STANFORD RESEARCHERS EXPLORE A NEW WAY OF STUDYING FISH COMMUNITIES.

eDNA could allow the reconstruction of a whole ecosystem from a jar of seawater. (Illustration: N. Low)

eDNA could allow the reconstruction of a whole ecosystem from a jar of seawater. (Illustration: N. Low)

University of Southhampton scientist John Shepherd once said that counting fish is like counting trees, except that they keep moving around and you can’t see them because they’re underwater. And marine biologists spend a whole lot of time, effort, and money counting fish. They put on SCUBA tanks, jump into the cold ocean, and try to count and identify as many fish as possible before they run out of air. They drag big nets through the water to collect open-ocean fish. And they puzzle through jumbles of information from fisheries, historical records, and even people’s vacation photographs to try and reconstruct fish population numbers. There is little doubt that these data are vital to understanding, protecting and managing fish populations and the ecosystems they inhabit. But most of these methods are not very efficient: They require a lot of manpower and resources to get small amounts of valuable data. Could there be a better way?

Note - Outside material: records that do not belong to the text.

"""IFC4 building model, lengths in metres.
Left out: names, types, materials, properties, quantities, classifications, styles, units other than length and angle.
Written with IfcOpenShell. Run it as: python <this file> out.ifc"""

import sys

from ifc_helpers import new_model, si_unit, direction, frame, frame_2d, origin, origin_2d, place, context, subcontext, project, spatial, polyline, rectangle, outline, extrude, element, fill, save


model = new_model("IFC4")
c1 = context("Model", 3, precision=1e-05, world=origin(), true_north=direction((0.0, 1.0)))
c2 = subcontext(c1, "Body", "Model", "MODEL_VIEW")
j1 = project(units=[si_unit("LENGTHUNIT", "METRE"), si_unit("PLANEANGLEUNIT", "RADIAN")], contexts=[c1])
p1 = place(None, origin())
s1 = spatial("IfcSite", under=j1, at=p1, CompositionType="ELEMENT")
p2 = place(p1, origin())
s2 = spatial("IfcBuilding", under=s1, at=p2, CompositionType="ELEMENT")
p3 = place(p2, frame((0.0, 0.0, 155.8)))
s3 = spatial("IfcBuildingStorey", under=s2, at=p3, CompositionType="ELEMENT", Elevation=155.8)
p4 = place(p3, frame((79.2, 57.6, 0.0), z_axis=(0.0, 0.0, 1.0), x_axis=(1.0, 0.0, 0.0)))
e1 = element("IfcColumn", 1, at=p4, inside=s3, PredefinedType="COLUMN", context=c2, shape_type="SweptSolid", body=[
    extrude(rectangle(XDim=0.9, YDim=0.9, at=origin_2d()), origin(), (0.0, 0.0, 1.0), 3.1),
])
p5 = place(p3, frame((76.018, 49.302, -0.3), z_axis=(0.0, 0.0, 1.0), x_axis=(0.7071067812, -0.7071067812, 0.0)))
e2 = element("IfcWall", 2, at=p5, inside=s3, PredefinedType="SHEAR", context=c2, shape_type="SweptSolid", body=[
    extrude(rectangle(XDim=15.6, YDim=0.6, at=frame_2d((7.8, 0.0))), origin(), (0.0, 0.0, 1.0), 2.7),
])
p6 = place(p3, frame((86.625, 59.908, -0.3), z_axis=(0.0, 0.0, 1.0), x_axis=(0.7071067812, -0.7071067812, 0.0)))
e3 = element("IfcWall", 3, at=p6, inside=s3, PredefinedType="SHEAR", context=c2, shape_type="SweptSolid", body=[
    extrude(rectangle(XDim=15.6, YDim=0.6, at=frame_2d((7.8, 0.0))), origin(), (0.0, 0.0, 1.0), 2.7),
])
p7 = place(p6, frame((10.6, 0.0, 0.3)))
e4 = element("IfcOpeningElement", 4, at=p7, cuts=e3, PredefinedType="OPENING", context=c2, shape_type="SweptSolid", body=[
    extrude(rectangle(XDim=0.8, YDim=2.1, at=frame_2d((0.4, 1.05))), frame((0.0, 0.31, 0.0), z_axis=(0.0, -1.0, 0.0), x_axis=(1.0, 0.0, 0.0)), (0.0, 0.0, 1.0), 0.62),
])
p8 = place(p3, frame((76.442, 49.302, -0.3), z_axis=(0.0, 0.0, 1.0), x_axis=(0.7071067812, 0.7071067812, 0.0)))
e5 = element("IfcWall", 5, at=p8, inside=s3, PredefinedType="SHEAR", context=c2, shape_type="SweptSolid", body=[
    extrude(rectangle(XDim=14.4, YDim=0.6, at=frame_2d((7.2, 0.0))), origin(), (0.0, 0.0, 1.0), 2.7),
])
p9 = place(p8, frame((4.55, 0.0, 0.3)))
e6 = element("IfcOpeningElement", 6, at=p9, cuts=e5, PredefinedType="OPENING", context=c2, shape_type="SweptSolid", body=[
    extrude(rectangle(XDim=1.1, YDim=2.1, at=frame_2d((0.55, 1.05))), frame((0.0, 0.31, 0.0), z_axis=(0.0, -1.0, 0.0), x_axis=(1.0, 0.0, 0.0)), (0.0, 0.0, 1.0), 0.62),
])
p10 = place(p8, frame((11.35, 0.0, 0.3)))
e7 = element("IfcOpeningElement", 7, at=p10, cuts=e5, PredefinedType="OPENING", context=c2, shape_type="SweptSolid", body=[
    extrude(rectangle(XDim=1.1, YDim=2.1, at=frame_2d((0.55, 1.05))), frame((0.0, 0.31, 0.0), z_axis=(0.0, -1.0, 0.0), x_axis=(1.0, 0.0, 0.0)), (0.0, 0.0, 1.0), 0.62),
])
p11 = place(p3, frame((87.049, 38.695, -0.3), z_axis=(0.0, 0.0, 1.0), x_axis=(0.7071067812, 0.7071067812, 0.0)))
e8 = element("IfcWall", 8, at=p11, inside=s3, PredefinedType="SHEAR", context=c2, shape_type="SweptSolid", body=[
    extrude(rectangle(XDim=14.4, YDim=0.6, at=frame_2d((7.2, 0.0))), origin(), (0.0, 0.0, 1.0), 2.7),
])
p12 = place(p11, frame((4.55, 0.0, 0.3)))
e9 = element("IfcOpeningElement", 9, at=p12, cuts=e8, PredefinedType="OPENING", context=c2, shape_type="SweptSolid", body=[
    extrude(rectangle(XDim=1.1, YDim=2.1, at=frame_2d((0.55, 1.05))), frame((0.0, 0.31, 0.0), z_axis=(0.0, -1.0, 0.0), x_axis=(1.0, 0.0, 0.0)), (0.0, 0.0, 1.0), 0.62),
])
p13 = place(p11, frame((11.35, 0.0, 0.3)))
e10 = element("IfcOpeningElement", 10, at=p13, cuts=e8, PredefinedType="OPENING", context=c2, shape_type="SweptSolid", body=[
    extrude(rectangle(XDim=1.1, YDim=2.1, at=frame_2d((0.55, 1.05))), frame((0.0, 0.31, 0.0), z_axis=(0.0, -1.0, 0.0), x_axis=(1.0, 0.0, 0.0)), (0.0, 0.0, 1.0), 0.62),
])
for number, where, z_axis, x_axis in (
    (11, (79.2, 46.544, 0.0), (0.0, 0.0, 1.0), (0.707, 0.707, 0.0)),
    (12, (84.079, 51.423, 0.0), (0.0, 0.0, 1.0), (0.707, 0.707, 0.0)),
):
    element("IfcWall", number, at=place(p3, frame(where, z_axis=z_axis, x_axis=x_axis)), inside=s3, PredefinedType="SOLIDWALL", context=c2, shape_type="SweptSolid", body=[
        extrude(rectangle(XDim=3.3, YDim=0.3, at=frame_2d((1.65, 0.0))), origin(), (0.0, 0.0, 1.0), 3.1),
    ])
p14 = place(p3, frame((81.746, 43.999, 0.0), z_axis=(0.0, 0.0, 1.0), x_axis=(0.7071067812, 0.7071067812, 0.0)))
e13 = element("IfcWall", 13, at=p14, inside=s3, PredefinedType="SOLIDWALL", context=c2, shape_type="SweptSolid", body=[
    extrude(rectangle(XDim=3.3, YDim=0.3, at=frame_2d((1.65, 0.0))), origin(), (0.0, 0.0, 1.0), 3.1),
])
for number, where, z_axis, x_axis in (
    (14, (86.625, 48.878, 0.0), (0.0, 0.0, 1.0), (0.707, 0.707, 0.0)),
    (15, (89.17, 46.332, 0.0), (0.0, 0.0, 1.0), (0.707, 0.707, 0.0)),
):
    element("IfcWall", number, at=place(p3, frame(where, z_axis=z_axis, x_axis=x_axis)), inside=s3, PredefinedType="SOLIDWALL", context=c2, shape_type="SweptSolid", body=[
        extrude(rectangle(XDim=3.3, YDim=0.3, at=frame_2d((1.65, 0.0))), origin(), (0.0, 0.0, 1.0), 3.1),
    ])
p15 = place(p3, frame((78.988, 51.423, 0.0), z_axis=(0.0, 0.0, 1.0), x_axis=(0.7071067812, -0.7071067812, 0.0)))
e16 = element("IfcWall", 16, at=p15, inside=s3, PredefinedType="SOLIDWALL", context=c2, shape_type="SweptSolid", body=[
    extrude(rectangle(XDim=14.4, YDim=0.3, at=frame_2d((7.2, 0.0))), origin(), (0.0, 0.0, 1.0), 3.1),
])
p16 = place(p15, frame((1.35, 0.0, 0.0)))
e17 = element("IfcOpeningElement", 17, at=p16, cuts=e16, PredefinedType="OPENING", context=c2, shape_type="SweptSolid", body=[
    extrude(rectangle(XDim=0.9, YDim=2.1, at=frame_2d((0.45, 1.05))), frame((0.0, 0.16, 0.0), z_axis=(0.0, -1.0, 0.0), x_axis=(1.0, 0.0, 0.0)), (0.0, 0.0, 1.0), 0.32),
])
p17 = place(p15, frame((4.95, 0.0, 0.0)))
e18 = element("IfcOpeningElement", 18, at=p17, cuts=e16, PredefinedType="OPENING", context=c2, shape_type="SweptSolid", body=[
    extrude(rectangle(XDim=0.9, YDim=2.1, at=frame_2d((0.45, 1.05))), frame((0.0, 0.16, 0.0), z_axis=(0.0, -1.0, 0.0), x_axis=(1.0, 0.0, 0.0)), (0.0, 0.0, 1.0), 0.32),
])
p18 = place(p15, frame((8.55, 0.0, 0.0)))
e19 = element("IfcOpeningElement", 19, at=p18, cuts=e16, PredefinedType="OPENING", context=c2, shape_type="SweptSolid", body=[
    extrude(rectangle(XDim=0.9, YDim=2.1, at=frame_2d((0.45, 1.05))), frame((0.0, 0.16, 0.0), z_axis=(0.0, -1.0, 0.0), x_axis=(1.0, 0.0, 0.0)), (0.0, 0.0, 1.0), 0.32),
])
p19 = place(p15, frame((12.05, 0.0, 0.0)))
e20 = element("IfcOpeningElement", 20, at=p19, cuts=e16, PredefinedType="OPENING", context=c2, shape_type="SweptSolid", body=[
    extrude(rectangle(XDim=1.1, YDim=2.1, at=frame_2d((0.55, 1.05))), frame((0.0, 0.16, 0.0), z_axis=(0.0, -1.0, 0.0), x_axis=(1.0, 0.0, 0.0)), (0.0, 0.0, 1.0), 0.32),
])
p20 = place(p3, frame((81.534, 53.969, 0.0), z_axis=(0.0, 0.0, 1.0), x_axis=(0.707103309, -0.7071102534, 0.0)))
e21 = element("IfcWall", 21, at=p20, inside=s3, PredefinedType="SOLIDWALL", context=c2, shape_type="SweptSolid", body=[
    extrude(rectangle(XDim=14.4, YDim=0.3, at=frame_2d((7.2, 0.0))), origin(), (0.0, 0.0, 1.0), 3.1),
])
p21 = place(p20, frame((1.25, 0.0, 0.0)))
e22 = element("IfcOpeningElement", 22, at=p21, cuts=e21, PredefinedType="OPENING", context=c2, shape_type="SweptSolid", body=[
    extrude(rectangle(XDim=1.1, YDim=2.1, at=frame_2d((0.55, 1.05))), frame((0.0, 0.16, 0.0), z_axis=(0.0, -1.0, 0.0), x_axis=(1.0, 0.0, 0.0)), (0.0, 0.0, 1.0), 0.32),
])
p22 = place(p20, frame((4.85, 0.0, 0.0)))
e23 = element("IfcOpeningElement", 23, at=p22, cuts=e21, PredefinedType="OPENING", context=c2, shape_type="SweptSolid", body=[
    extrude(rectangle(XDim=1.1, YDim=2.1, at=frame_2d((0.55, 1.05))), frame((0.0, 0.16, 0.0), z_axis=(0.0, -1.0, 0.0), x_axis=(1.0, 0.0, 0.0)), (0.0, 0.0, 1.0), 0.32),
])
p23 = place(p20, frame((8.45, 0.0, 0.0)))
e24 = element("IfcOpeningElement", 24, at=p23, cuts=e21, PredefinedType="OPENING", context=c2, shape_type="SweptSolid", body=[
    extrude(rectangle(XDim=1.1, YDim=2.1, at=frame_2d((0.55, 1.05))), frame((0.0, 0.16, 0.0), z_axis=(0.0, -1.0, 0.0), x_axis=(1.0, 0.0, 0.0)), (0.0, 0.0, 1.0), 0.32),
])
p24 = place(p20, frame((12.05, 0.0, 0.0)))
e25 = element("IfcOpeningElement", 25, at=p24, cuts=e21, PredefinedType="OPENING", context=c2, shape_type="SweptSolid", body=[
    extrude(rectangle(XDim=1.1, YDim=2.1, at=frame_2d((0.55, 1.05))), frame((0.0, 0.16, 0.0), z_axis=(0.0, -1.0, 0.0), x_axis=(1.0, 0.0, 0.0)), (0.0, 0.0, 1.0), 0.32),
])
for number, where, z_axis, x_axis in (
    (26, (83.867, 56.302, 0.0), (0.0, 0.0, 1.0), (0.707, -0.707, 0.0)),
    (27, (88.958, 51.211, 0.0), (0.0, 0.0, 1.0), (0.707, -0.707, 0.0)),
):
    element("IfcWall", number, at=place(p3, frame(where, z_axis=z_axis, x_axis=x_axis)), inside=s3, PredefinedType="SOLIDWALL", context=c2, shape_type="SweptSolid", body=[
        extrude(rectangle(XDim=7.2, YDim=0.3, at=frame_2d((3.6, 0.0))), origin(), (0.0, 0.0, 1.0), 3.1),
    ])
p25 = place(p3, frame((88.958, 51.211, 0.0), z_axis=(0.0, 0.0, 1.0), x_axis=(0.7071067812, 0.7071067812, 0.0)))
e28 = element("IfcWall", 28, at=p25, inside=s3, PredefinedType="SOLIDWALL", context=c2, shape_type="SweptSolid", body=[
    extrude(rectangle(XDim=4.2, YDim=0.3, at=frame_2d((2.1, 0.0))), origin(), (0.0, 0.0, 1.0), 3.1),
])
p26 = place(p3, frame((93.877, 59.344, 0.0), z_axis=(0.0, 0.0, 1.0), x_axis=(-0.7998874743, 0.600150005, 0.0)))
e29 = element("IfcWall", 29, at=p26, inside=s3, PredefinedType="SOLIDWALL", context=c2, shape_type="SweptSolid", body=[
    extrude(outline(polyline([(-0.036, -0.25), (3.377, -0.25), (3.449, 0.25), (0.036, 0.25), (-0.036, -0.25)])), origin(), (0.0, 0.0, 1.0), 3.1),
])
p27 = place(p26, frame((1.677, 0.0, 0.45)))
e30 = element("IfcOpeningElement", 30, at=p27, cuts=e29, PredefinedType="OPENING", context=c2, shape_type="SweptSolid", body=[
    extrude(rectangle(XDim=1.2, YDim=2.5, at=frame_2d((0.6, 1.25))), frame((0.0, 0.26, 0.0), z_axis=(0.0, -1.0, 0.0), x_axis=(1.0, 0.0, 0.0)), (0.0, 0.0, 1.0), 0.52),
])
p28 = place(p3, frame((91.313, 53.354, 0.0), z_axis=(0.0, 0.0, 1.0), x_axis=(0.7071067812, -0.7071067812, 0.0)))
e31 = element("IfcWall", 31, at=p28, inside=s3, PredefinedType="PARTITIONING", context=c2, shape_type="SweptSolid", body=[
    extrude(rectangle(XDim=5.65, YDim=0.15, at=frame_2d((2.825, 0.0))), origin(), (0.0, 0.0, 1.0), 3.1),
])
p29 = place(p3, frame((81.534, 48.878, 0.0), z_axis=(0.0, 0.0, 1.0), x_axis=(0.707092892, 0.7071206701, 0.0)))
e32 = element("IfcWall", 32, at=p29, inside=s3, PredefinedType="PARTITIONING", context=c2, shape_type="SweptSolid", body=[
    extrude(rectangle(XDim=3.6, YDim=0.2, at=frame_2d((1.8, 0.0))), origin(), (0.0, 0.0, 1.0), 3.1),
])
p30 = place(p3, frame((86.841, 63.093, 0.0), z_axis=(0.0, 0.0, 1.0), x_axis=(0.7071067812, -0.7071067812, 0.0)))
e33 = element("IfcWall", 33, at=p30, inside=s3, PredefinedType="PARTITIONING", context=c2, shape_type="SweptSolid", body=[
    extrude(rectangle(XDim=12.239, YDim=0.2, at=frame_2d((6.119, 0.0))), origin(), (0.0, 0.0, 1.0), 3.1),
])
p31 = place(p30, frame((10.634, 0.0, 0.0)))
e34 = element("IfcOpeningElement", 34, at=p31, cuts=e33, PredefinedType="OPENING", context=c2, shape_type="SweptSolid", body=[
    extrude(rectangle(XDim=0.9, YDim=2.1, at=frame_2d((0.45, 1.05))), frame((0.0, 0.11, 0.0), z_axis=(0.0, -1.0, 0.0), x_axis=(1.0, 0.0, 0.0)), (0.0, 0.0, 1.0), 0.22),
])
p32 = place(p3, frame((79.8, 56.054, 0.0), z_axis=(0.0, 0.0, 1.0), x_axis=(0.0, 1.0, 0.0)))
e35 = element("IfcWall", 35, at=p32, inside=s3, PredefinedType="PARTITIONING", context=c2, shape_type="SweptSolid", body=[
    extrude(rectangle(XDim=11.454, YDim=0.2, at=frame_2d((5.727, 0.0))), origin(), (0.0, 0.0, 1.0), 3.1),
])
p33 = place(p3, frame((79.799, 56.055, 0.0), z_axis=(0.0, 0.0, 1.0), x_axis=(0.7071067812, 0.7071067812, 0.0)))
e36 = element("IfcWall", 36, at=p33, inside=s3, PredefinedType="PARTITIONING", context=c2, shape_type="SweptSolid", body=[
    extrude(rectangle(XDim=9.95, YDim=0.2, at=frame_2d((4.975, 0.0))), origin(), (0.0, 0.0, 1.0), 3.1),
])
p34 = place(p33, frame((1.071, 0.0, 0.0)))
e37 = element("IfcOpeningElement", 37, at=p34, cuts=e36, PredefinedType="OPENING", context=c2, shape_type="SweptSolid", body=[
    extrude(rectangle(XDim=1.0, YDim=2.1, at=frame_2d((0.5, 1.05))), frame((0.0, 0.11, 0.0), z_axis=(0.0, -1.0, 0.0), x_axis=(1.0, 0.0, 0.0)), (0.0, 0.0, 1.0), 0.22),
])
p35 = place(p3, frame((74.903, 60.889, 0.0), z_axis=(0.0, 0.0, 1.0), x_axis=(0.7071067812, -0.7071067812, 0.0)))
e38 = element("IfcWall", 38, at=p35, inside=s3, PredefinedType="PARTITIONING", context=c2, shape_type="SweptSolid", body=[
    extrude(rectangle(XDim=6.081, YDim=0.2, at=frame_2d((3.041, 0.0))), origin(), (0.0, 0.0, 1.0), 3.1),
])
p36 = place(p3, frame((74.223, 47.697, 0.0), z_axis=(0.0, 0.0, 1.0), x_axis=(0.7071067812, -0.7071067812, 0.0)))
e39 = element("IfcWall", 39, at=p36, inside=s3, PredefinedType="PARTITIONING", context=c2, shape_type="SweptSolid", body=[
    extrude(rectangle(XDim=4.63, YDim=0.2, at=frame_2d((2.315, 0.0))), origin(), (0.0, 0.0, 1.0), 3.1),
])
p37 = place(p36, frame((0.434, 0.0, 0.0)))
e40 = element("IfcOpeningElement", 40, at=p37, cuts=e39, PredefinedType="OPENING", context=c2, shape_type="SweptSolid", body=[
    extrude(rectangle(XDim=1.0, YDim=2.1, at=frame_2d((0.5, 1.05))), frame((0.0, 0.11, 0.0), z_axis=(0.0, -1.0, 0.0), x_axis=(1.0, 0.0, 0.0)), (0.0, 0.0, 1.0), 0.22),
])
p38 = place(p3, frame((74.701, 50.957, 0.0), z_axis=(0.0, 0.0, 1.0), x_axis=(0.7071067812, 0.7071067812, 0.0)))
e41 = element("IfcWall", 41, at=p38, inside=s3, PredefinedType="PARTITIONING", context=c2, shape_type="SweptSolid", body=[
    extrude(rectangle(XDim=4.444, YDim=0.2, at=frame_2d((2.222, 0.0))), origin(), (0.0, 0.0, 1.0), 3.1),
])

A team of scientists, including researchers from Stanford University’s Center for Ocean Solutions and Hopkins Marine Station, have been exploring one exciting new possibility – a technique called environmental DNA, or eDNA. eDNA is based on the fact that as animals move through their habitat, they leave bits of themselves behind. Anyone who lives with a dog or cat will be familiar with the large amounts of hair and dander that remain behind long after the animal has left its spot on the couch. In the same way, marine animals like fish and sea lions continuously shed dead skin cells and other bits of their tissue into the water around them. These bits of tissue are full of the animal’s DNA. Scientists can collect samples of water and search for specific sections of DNA that can be used as genetic ‘barcodes’, allowing them to identify the different species that spent time in the place where the sample was collected. It’s like CSI for marine biologists.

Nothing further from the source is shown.